During the study, published on 13th February 2017 in Nature Genetics, an international team of scientists led by the University of Birmingham looked at genetic information from more than 250 people around the world with microcephalic dwarfism, a group of disorders characterised by short stature and reduced head size.
They found that 29 of the individuals had faulty versions of a gene called DONSON.
Tests on cells growing in the laboratory revealed that this gene plays a crucial role in ensuring DNA is copied correctly when cells divide and grow. Cells from patients with mutations in the DONSON gene had difficulty in efficiently replicating their DNA and protecting it from uncontrolled damage, ultimately leading to the growth defects typical of microcephalic dwarfism.
This research raises the potential of more accurate diagnoses for patients with genetic microcephaly, in addition to providing an insight into how similar rare hereditary diseases are caused.
Professor Grant Stewart, from the Institute of Cancer and Genomic Sciences at the University of Birmingham, says: ‘Despite DNA replication being a process that is fundamental to life, there is still a lot we don’t know.

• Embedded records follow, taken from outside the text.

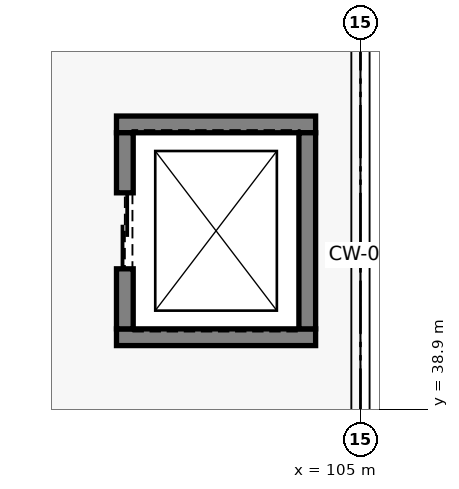
"""IFC4 building model, lengths in metres.
Left out: names, types, materials, properties, quantities, classifications, styles, units other than length and angle.
Written with IfcOpenShell. Run it as: python <this file> out.ifc"""

import sys

from ifc_helpers import new_model, si_unit, direction, frame, frame_2d, origin, place, context, subcontext, project, spatial, rectangle, extrude, element, fill, save


model = new_model("IFC4")
c1 = context("Model", 3, precision=1e-05, world=origin(), true_north=direction((0.0, 1.0)))
c2 = subcontext(c1, "Body", "Model", "MODEL_VIEW")
j1 = project(units=[si_unit("LENGTHUNIT", "METRE"), si_unit("PLANEANGLEUNIT", "RADIAN")], contexts=[c1])
p1 = place(None, origin())
s1 = spatial("IfcSite", under=j1, at=p1, CompositionType="ELEMENT")
p2 = place(p1, origin())
s2 = spatial("IfcBuilding", under=s1, at=p2, CompositionType="ELEMENT")
p3 = place(p2, frame((0.0, 0.0, 4.8)))
s3 = spatial("IfcBuildingStorey", under=s2, at=p3, CompositionType="ELEMENT", Elevation=4.8)
for number, where, z_axis, x_axis in (
    (1, (101.79, 39.85, 0.0), (0.0, 0.0, 1.0), (1.0, 0.0, 0.0)),
    (2, (101.79, 42.65, 0.0), (0.0, 0.0, 1.0), (1.0, 0.0, 0.0)),
):
    element("IfcWall", number, at=place(p3, frame(where, z_axis=z_axis, x_axis=x_axis)), inside=s3, PredefinedType="SOLIDWALL", context=c2, shape_type="SweptSolid", body=[
        extrude(rectangle(XDim=2.62, YDim=0.22, at=frame_2d((1.31, 0.0))), origin(), (0.0, 0.0, 1.0), 3.92),
    ])
p4 = place(p3, frame((101.9, 39.96, 0.0), z_axis=(0.0, 0.0, 1.0), x_axis=(0.0, 1.0, 0.0)))
e3 = element("IfcWall", 3, at=p4, inside=s3, PredefinedType="SOLIDWALL", context=c2, shape_type="SweptSolid", body=[
    extrude(rectangle(XDim=2.58, YDim=0.22, at=frame_2d((1.29, 0.0))), origin(), (0.0, 0.0, 1.0), 3.92),
])
p5 = place(p4, frame((0.79, 0.0, 0.0)))
e4 = element("IfcOpeningElement", 4, at=p5, cuts=e3, PredefinedType="OPENING", context=c2, shape_type="SweptSolid", body=[
    extrude(rectangle(XDim=1.0, YDim=2.15, at=frame_2d((0.5, 1.075))), frame((0.0, 0.12, 0.0), z_axis=(0.0, -1.0, 0.0), x_axis=(1.0, 0.0, 0.0)), (0.0, 0.0, 1.0), 0.24),
])
p6 = place(p3, frame((104.3, 39.96, 0.0), z_axis=(0.0, 0.0, 1.0), x_axis=(0.0, 1.0, 0.0)))
e5 = element("IfcWall", 5, at=p6, inside=s3, PredefinedType="SOLIDWALL", context=c2, shape_type="SweptSolid", body=[
    extrude(rectangle(XDim=2.58, YDim=0.22, at=frame_2d((1.29, 0.0))), origin(), (0.0, 0.0, 1.0), 3.92),
])
p7 = place(p5, origin())
e6 = element("IfcDoor", 6, at=p7, inside=s3, OperationType="SLIDING_TO_LEFT", PredefinedType="DOOR", context=c2, shape_type="SweptSolid", body=[
    extrude(rectangle(XDim=1.0, YDim=2.15, at=frame_2d((0.5, 1.075))), frame((0.0, 0.025, 0.0), z_axis=(0.0, -1.0, 0.0), x_axis=(1.0, 0.0, 0.0)), (0.0, 0.0, 1.0), 0.05),
])
fill(e4, e6)
save(model, sys.argv[1])
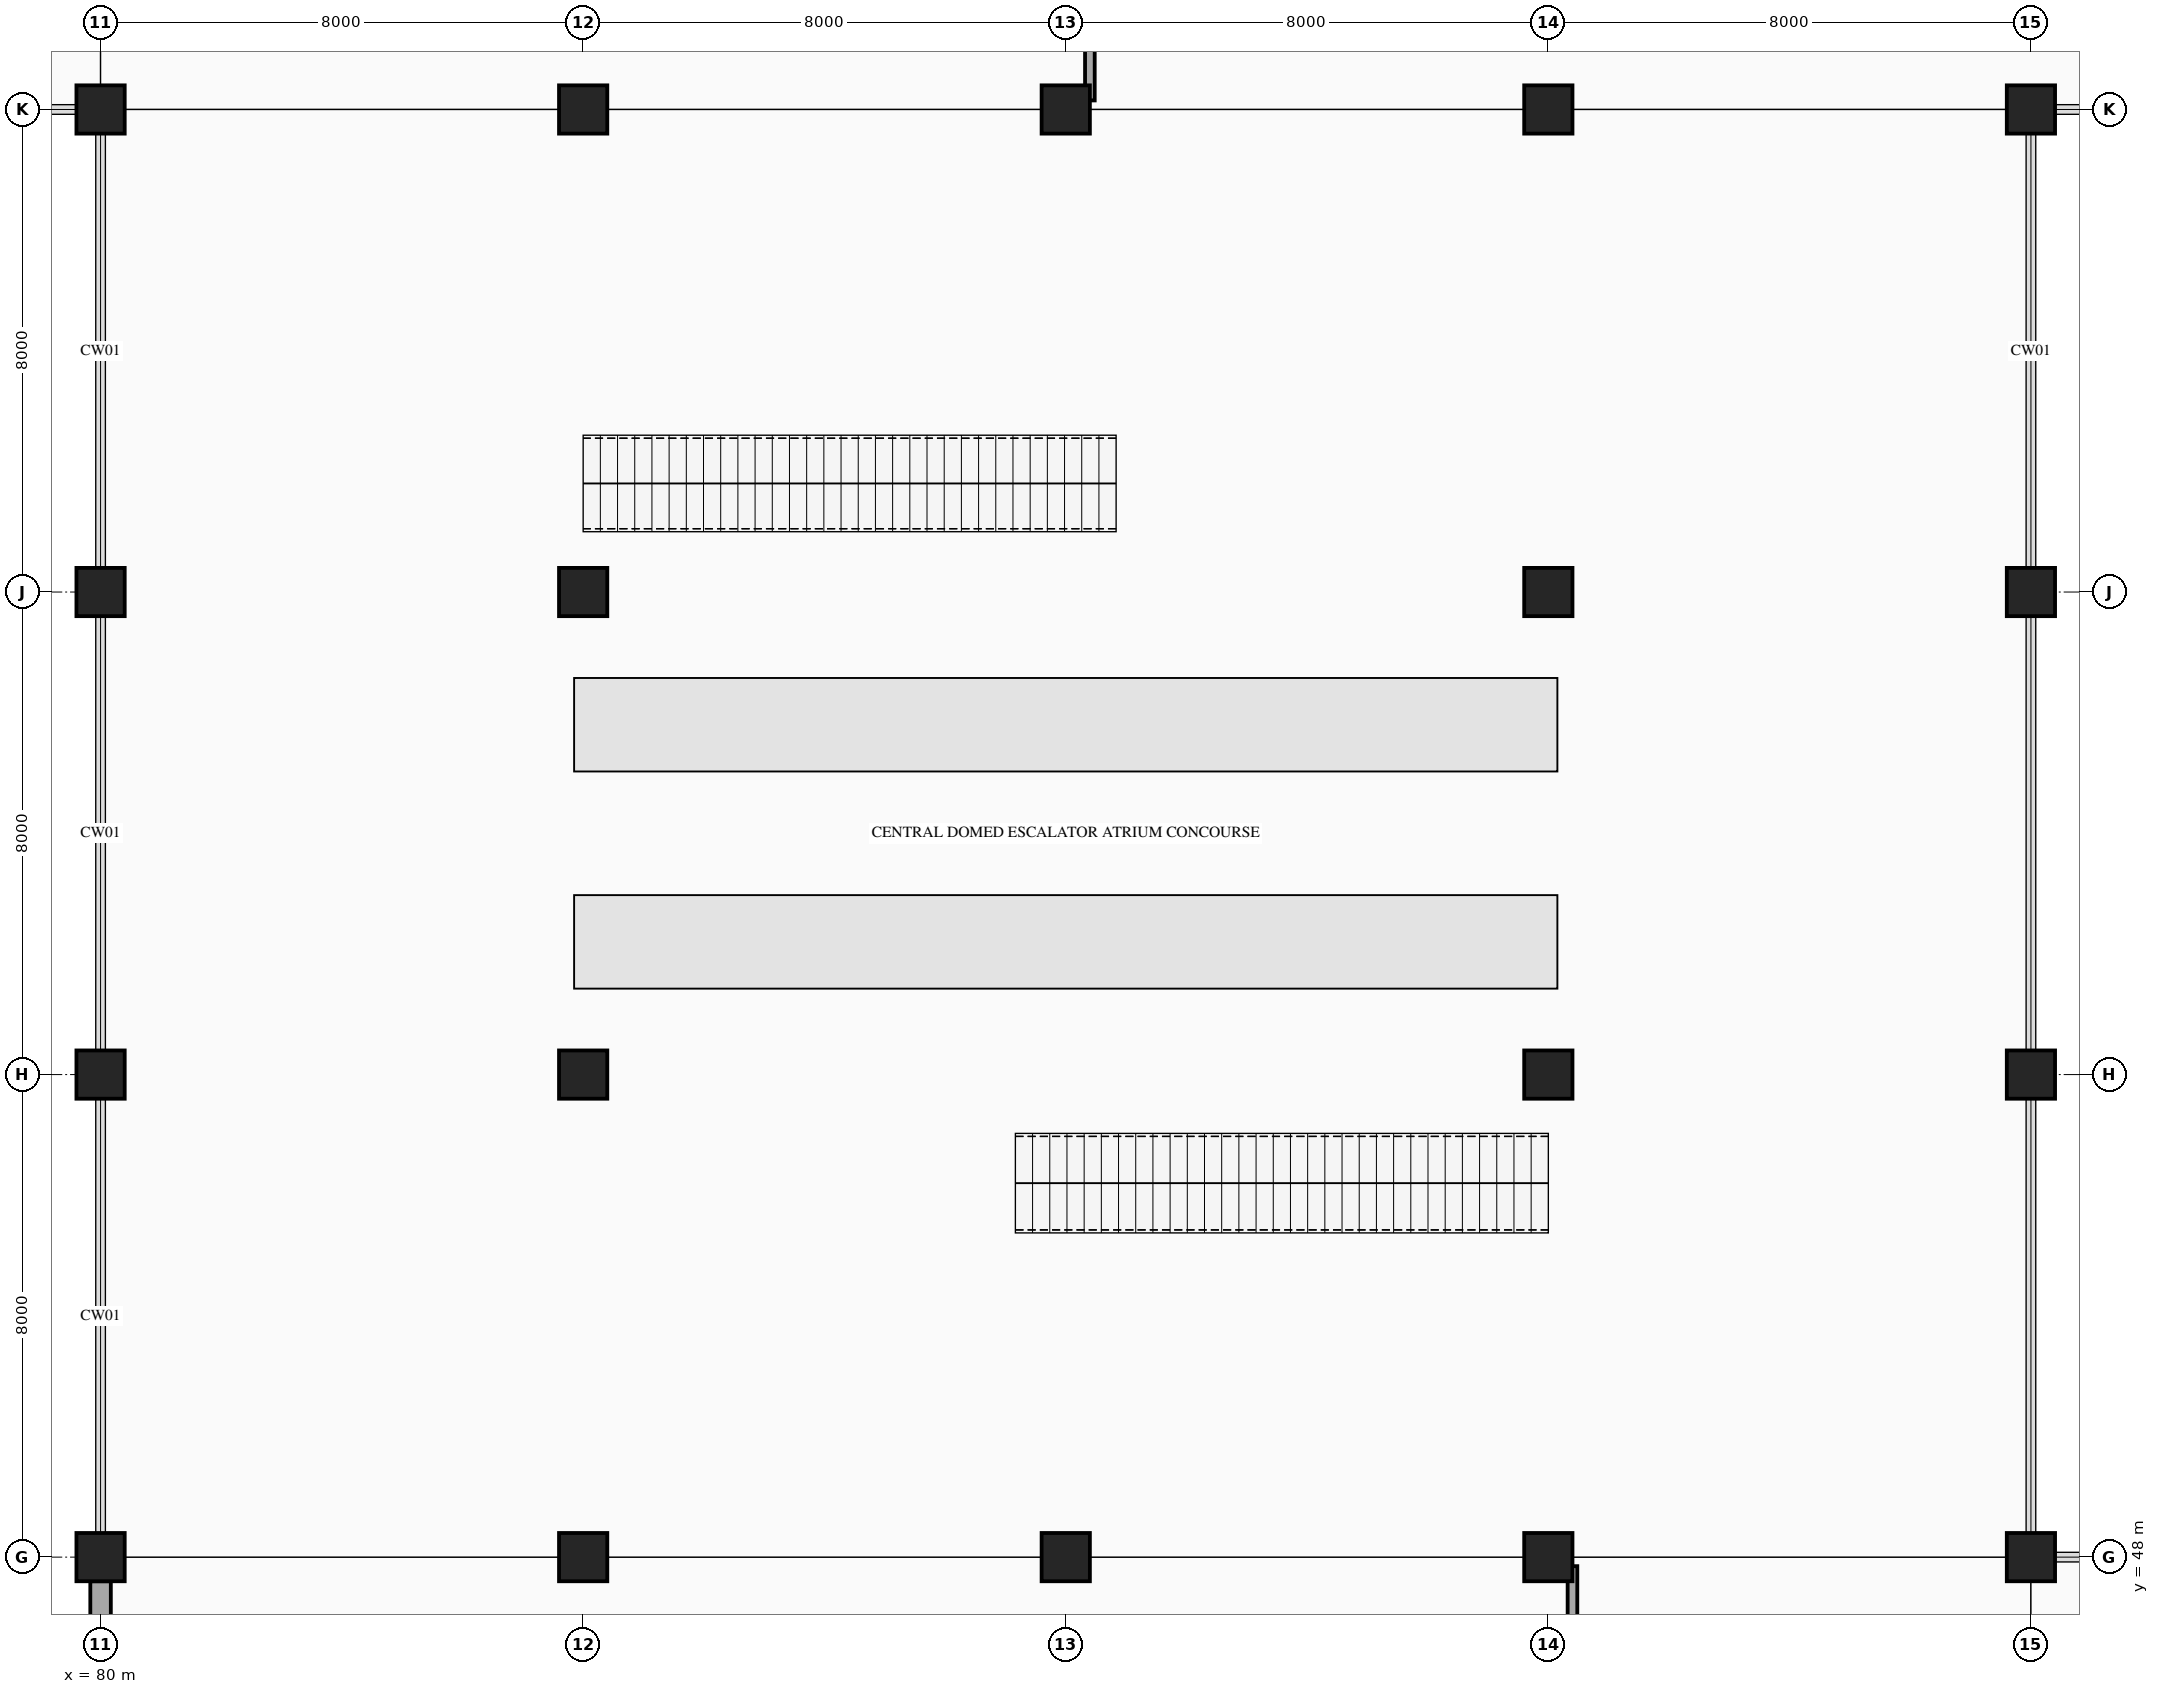
"""IFC4 building model, lengths in metres.
Left out: names, types, materials, properties, quantities, classifications, styles, units other than length and angle.
Written with IfcOpenShell. Run it as: python <this file> out.ifc"""

import sys

from ifc_helpers import new_model, si_unit, direction, frame, frame_2d, origin, origin_2d, place, context, subcontext, project, spatial, rectangle, circle, extrude, element, save


model = new_model("IFC4")
c1 = context("Model", 3, precision=1e-05, world=origin(), true_north=direction((0.0, 1.0)))
c2 = subcontext(c1, "Body", "Model", "MODEL_VIEW")
j1 = project(units=[si_unit("LENGTHUNIT", "METRE"), si_unit("PLANEANGLEUNIT", "RADIAN")], contexts=[c1])
p1 = place(None, origin())
s1 = spatial("IfcSite", under=j1, at=p1, CompositionType="ELEMENT")
p2 = place(p1, origin())
s2 = spatial("IfcBuilding", under=s1, at=p2, CompositionType="ELEMENT")
p3 = place(p2, origin())
s3 = spatial("IfcBuildingStorey", under=s2, at=p3, CompositionType="ELEMENT", Elevation=0.0)
p4 = place(p3, frame((80.0, 48.0, 0.0), z_axis=(0.0, 0.0, 1.0), x_axis=(1.0, 0.0, 0.0)))
e1 = element("IfcColumn", 1, at=p4, inside=s3, PredefinedType="COLUMN", context=c2, shape_type="SweptSolid", body=[
    extrude(circle(Radius=0.4, at=origin_2d()), origin(), (0.0, 0.0, 1.0), 5.6),
])
p5 = place(p3, frame((80.0, 56.0, 0.0), z_axis=(0.0, 0.0, 1.0), x_axis=(1.0, 0.0, 0.0)))
e2 = element("IfcColumn", 2, at=p5, inside=s3, PredefinedType="COLUMN", context=c2, shape_type="SweptSolid", body=[
    extrude(rectangle(XDim=0.8, YDim=0.8, at=origin_2d()), origin(), (0.0, 0.0, 1.0), 5.6),
])
p6 = place(p3, frame((80.0, 64.0, 0.0), z_axis=(0.0, 0.0, 1.0), x_axis=(1.0, 0.0, 0.0)))
e3 = element("IfcColumn", 3, at=p6, inside=s3, PredefinedType="COLUMN", context=c2, shape_type="SweptSolid", body=[
    extrude(circle(Radius=0.4, at=origin_2d()), origin(), (0.0, 0.0, 1.0), 5.6),
])
for number, where, z_axis, x_axis in (
    (4, (80.0, 72.0, 0.0), (0.0, 0.0, 1.0), (1.0, 0.0, 0.0)),
    (5, (88.0, 48.0, 0.0), (0.0, 0.0, 1.0), (1.0, 0.0, 0.0)),
):
    element("IfcColumn", number, at=place(p3, frame(where, z_axis=z_axis, x_axis=x_axis)), inside=s3, PredefinedType="COLUMN", context=c2, shape_type="SweptSolid", body=[
        extrude(rectangle(XDim=0.8, YDim=0.8, at=origin_2d()), origin(), (0.0, 0.0, 1.0), 5.6),
    ])
p7 = place(p3, frame((88.0, 56.0, 0.0), z_axis=(0.0, 0.0, 1.0), x_axis=(1.0, 0.0, 0.0)))
e6 = element("IfcColumn", 6, at=p7, inside=s3, PredefinedType="COLUMN", context=c2, shape_type="SweptSolid", body=[
    extrude(circle(Radius=0.4, at=origin_2d()), origin(), (0.0, 0.0, 1.0), 5.6),
])
p8 = place(p3, frame((88.0, 64.0, 0.0), z_axis=(0.0, 0.0, 1.0), x_axis=(1.0, 0.0, 0.0)))
e7 = element("IfcColumn", 7, at=p8, inside=s3, PredefinedType="COLUMN", context=c2, shape_type="SweptSolid", body=[
    extrude(rectangle(XDim=0.8, YDim=0.8, at=origin_2d()), origin(), (0.0, 0.0, 1.0), 5.6),
])
for number, where, z_axis, x_axis in (
    (8, (88.0, 72.0, 0.0), (0.0, 0.0, 1.0), (1.0, 0.0, 0.0)),
    (9, (96.0, 48.0, 0.0), (0.0, 0.0, 1.0), (1.0, 0.0, 0.0)),
):
    element("IfcColumn", number, at=place(p3, frame(where, z_axis=z_axis, x_axis=x_axis)), inside=s3, PredefinedType="COLUMN", context=c2, shape_type="SweptSolid", body=[
        extrude(circle(Radius=0.4, at=origin_2d()), origin(), (0.0, 0.0, 1.0), 5.6),
    ])
for number, where, z_axis, x_axis in (
    (10, (96.0, 72.0, 0.0), (0.0, 0.0, 1.0), (1.0, 0.0, 0.0)),
    (11, (104.0, 48.0, 0.0), (0.0, 0.0, 1.0), (1.0, 0.0, 0.0)),
):
    element("IfcColumn", number, at=place(p3, frame(where, z_axis=z_axis, x_axis=x_axis)), inside=s3, PredefinedType="COLUMN", context=c2, shape_type="SweptSolid", body=[
        extrude(rectangle(XDim=0.8, YDim=0.8, at=origin_2d()), origin(), (0.0, 0.0, 1.0), 5.6),
    ])
p9 = place(p3, frame((104.0, 56.0, 0.0), z_axis=(0.0, 0.0, 1.0), x_axis=(1.0, 0.0, 0.0)))
e12 = element("IfcColumn", 12, at=p9, inside=s3, PredefinedType="COLUMN", context=c2, shape_type="SweptSolid", body=[
    extrude(circle(Radius=0.4, at=origin_2d()), origin(), (0.0, 0.0, 1.0), 5.6),
])
p10 = place(p3, frame((104.0, 64.0, 0.0), z_axis=(0.0, 0.0, 1.0), x_axis=(1.0, 0.0, 0.0)))
e13 = element("IfcColumn", 13, at=p10, inside=s3, PredefinedType="COLUMN", context=c2, shape_type="SweptSolid", body=[
    extrude(rectangle(XDim=0.8, YDim=0.8, at=origin_2d()), origin(), (0.0, 0.0, 1.0), 5.6),
])
for number, where, z_axis, x_axis in (
    (14, (104.0, 72.0, 0.0), (0.0, 0.0, 1.0), (1.0, 0.0, 0.0)),
    (15, (112.0, 48.0, 0.0), (0.0, 0.0, 1.0), (1.0, 0.0, 0.0)),
):
    element("IfcColumn", number, at=place(p3, frame(where, z_axis=z_axis, x_axis=x_axis)), inside=s3, PredefinedType="COLUMN", context=c2, shape_type="SweptSolid", body=[
        extrude(circle(Radius=0.4, at=origin_2d()), origin(), (0.0, 0.0, 1.0), 5.6),
    ])
p11 = place(p3, frame((112.0, 56.0, 0.0), z_axis=(0.0, 0.0, 1.0), x_axis=(1.0, 0.0, 0.0)))
e16 = element("IfcColumn", 16, at=p11, inside=s3, PredefinedType="COLUMN", context=c2, shape_type="SweptSolid", body=[
    extrude(rectangle(XDim=0.8, YDim=0.8, at=origin_2d()), origin(), (0.0, 0.0, 1.0), 5.6),
])
p12 = place(p3, frame((112.0, 64.0, 0.0), z_axis=(0.0, 0.0, 1.0), x_axis=(1.0, 0.0, 0.0)))
e17 = element("IfcColumn", 17, at=p12, inside=s3, PredefinedType="COLUMN", context=c2, shape_type="SweptSolid", body=[
    extrude(circle(Radius=0.4, at=origin_2d()), origin(), (0.0, 0.0, 1.0), 5.6),
])
p13 = place(p3, frame((112.0, 72.0, 0.0), z_axis=(0.0, 0.0, 1.0), x_axis=(1.0, 0.0, 0.0)))
e18 = element("IfcColumn", 18, at=p13, inside=s3, PredefinedType="COLUMN", context=c2, shape_type="SweptSolid", body=[
    extrude(rectangle(XDim=0.8, YDim=0.8, at=origin_2d()), origin(), (0.0, 0.0, 1.0), 5.6),
])
p14 = place(p3, frame((80.0, 40.178, 0.0), z_axis=(0.0, 0.0, 1.0), x_axis=(0.0, 1.0, 0.0)))
e19 = element("IfcWall", 19, at=p14, inside=s3, PredefinedType="STANDARD", context=c2, shape_type="SweptSolid", body=[
    extrude(rectangle(XDim=7.422, YDim=0.34, at=frame_2d((3.711, 0.0))), origin(), (0.0, 0.0, 1.0), 4.58),
])
p15 = place(p14, frame((2.711, 0.0, 0.0)))
e20 = element("IfcOpeningElement", 20, at=p15, cuts=e19, PredefinedType="OPENING", context=c2, shape_type="SweptSolid", body=[
    extrude(rectangle(XDim=2.0, YDim=2.35, at=frame_2d((1.0, 1.175))), frame((0.0, 0.18, 0.0), z_axis=(0.0, -1.0, 0.0), x_axis=(1.0, 0.0, 0.0)), (0.0, 0.0, 1.0), 0.36),
])
p16 = place(p3, frame((96.4, 72.15, 0.0), z_axis=(0.0, 0.0, 1.0), x_axis=(0.0, 1.0, 0.0)))
e21 = element("IfcWall", 21, at=p16, inside=s3, PredefinedType="PARTITIONING", context=c2, shape_type="SweptSolid", body=[
    extrude(rectangle(XDim=28.05, YDim=0.16, at=frame_2d((14.025, 0.0))), origin(), (0.0, 0.0, 1.0), 4.58),
])
p17 = place(p16, frame((18.801, 0.0, 0.0)))
e22 = element("IfcOpeningElement", 22, at=p17, cuts=e21, PredefinedType="OPENING", context=c2, shape_type="SweptSolid", body=[
    extrude(rectangle(XDim=1.9, YDim=2.3, at=frame_2d((0.95, 1.15))), frame((0.0, 0.09, 0.0), z_axis=(0.0, -1.0, 0.0), x_axis=(1.0, 0.0, 0.0)), (0.0, 0.0, 1.0), 0.18),
])
p18 = place(p3, frame((104.4, 19.2, 0.0), z_axis=(0.0, 0.0, 1.0), x_axis=(0.0, 1.0, 0.0)))
e23 = element("IfcWall", 23, at=p18, inside=s3, PredefinedType="PARTITIONING", context=c2, shape_type="SweptSolid", body=[
    extrude(rectangle(XDim=28.65, YDim=0.16, at=frame_2d((14.325, 0.0))), origin(), (0.0, 0.0, 1.0), 4.58),
])
p19 = place(p18, frame((15.906, 0.0, 0.0)))
e24 = element("IfcOpeningElement", 24, at=p19, cuts=e23, PredefinedType="OPENING", context=c2, shape_type="SweptSolid", body=[
    extrude(rectangle(XDim=1.7, YDim=2.25, at=frame_2d((0.85, 1.125))), frame((0.0, 0.09, 0.0), z_axis=(0.0, -1.0, 0.0), x_axis=(1.0, 0.0, 0.0)), (0.0, 0.0, 1.0), 0.18),
])
save(model, sys.argv[1])

This research sheds new light on the mechanisms underlying DNA replication, and the effect on human health when this process goes wrong.’
Professor Andrew Jackson, of the University of Edinburgh’s Institute for Genetics and Molecular Medicine, says: ‘Identification of DONSON as a microcephaly gene has given us new insights into how the genome is protected during DNA replication, and has only been possible through the close collaboration and contributions of families, clinicians and scientists from many countries around the world.’
Professor Christopher Mathew, from the National Institute for Health Research (NIHR) Biomedical Research Centre at Guy's and St Thomas' and King's College London, adds: ‘This is a good example of how unravelling the genetics of rare human disorders can provide profound insight into basic biological processes.’
Professor Fowzan Alkuraya, from the King Faisal Specialist Hospital and Research Center, also adds: ‘The DONSON story is a remarkable example of how loss of a very basic cellular function can result in a phenotype that ranges from embryonic lethal to one characterized by growth deficiency of brain and body depending on the severity of the mutation. It is also a reminder of the contribution of tricky deep splicing mutations to human disease.’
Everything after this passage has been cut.